Según resultados de la encuesta el Comportamiento financiero de los jóvenes profesionales en Argentina realizada por DAlessio Irol para Prudential Seguros, los jóvenes entre 25 y 35 años tienden a enfocarse en sus necesidades inmediatas como pagar deudas y les cuesta la planificación a largo plazo. Muchos confían en saldar esas deudas, otros tantos, consideran la importancia de los objetivos financieros aunque pocos confían en conseguirlos.
La encuesta tuvo como muestra 666 casos distribuidos por partes iguales entre hombres y mujeres distribuidos en Capital, Gran Buenos Aires, Córdoba, Mendoza y Santa Fe. Se implementó de manera on line y por este canal completaron un cuestionario. Los resultados son elocuentes no solo por el contexto local sino por un fenómeno de alcance internacional que ya cuenta con nombre propio como es la "Adolescencia Tardía". En este sentido Nora D'Alessio, expositora de los resultados, ilustró que mientras en "1982 se dejaba de ser adolescente a los 25 años, ahora es cerca de los 32 y no ha pasado mucho si se piensa en la historia de la humanidad". Por eso hoy la edad promedio para vivir solo se ubica en los 28 años, el casamiento a los 30 o el nacimiento del primer hijo a los 31 o 32.
Nenes de mamá
La encuesta marca que más del tercio aún recibe ayuda paterna. Además un 55 % de los encuestados desearía mantener el estilo de vida tras su retiro, mientras solo el 12% confía en lograrlo. Por otra parte si bien están en edad de ser "sostén de familia", el porcentaje de los que no lo son, trepa a un 40%.
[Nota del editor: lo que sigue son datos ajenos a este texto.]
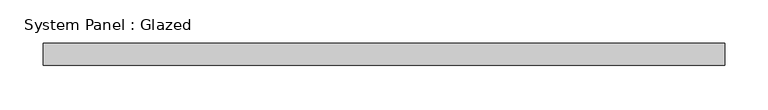
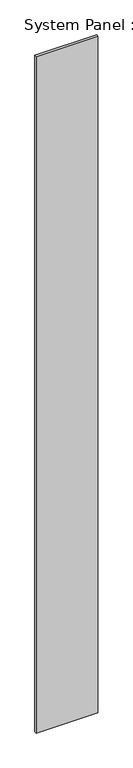
"""IFC4 building model written with IfcOpenShell, lengths in millimetres: plate geometry, System Panel : Glazed."""

from ifc_helpers import new_model, si_unit, origin, origin_with_axes, place, context, project, spatial, polyline, outline, extrude, source, transform, mapped, element, save


def system_panel_glazed_7e4c53f5(model_context):
    return source(origin(), model_context, "Body", "SweptSolid", [
        extrude(outline(polyline([(394.8155058, 19.05), (-394.8155058, 19.05), (-394.8155058, 44.45), (394.8155058, 44.45), (394.8155058, 19.05)])), origin_with_axes(), (0.0, 0.0, 1.0), 9144.0),
    ])


if __name__ == "__main__":
    model = new_model("IFC4")
    model_context = context("Model", 3, world=origin())
    ifc_project = project(units=[si_unit("LENGTHUNIT", "METRE", prefix="MILLI")], contexts=[model_context])
    site = spatial("IfcSite", under=ifc_project)
    building = spatial("IfcBuilding", under=site)
    placement = place(None, origin())
    system_panel_glazed_shape = system_panel_glazed_7e4c53f5(model_context)
    element("IfcPlate", 1, ObjectType="System Panel : Glazed", at=placement, inside=building, context=model_context, shape_type="MappedRepresentation", body=[
        mapped(system_panel_glazed_shape, transform((0.0, 0.0, 0.0), x_axis=(1.0, 0.0, 0.0), y_axis=(0.0, 1.0, 0.0), z_axis=(0.0, 0.0, 1.0))),
    ])
    save(model, "model.ifc")

# Revit data of these elements
# Type "System Panel : Glazed"
#   Construction Type Id = "GSP4R"
#   Analytic Construction = "1/8 in Pilkington single glazing"
#   Visual Light Transmittance = 0.9
#   Solar Heat Gain Coefficient = 0.86
#   Heat Transfer Coefficient (U) = 1.18115 BTU/(h·ft²·°F)
#   Define Thermal Properties by = 1
# Element 1 (IfcPlate, "System Panel : Glazed")
#   Materials on its faces: "Glass"
# Materials
#   "Glass": class "Glass", colour RGB 0 128 192, transparency 0.75, Description = "Soda Lime Glass", Cost = 0

Sin embargo, es alta la cifra de los que poseen tarjetas de crédito, un 82 %. Esta posesión junto a la elevada propensión al consumo explica, en parte, no solo su preocupación por las deudas sino su dificultad para el ahorro. Según D'Alessio, "en Argentina muchos de estos jóvenes están endeudados en más de un año por encima de un 40% de lo que están ganando".
Entretanto, una de las conclusiones del análisis puntualiza un fuerte déficit en el entendimiento cabal de los beneficios y características de los productos financieros. Cotejados con los norteamericanos se remarca esa limitación en el conocimiento, en particular, sobre los productos más refinados y de largo plazo como fondos de inversión, renta vitalicia o acciones y bonos.
Expertise
La falta de conocimientos trae aparejadas otras cuestiones como por ejemplo las decisiones financieras. Consultados sobre este punto tan solo uno de diez (14%) respondió sentirse "muy bien preparado". En cambio, más de la mitad admitió la ayuda de un tercero para decidir correctamente en la materia. Dudosos de alcanzar sus objetivos financieros, desearían la ayuda de un experto que les dijera qué hacer.
De cara al futuro se muestran ansiosos. Pero las mujeres aparecen más preocupadas que los hombres. Algunas de sus mayores preocupaciones son: evitar, tanto el gasto de los ahorros como convertirse en una carga para sus familiares. Aunque los hombres sean más confiados en la seguridad financiera futura, ambos grupos dudan de alcanzar las metas concretas. En especial las mujeres, como por ejemplo, en asegurarse un ingreso en caso de despido o desempleo, o bien, en garantizarles a sus hijos educación universitaria.
Consultados por la preocupación de las circunstancias de la vida desde el punto de vista financiero , la cifra ronda el 55% con una mínima inclinación a favor de los hechos inesperados frente a los planificados. Quizás "porque en el último año le pasaron más eventos inesperados" aseguró D'Alessio.
Si se tiene en cuenta su condición social (media alta), graduados y con un trabajo full time no sorprende que Internet sea, entre sus múltiples canales de información, el preferido por este segmento para interiorizarse en productos y servicios financieros.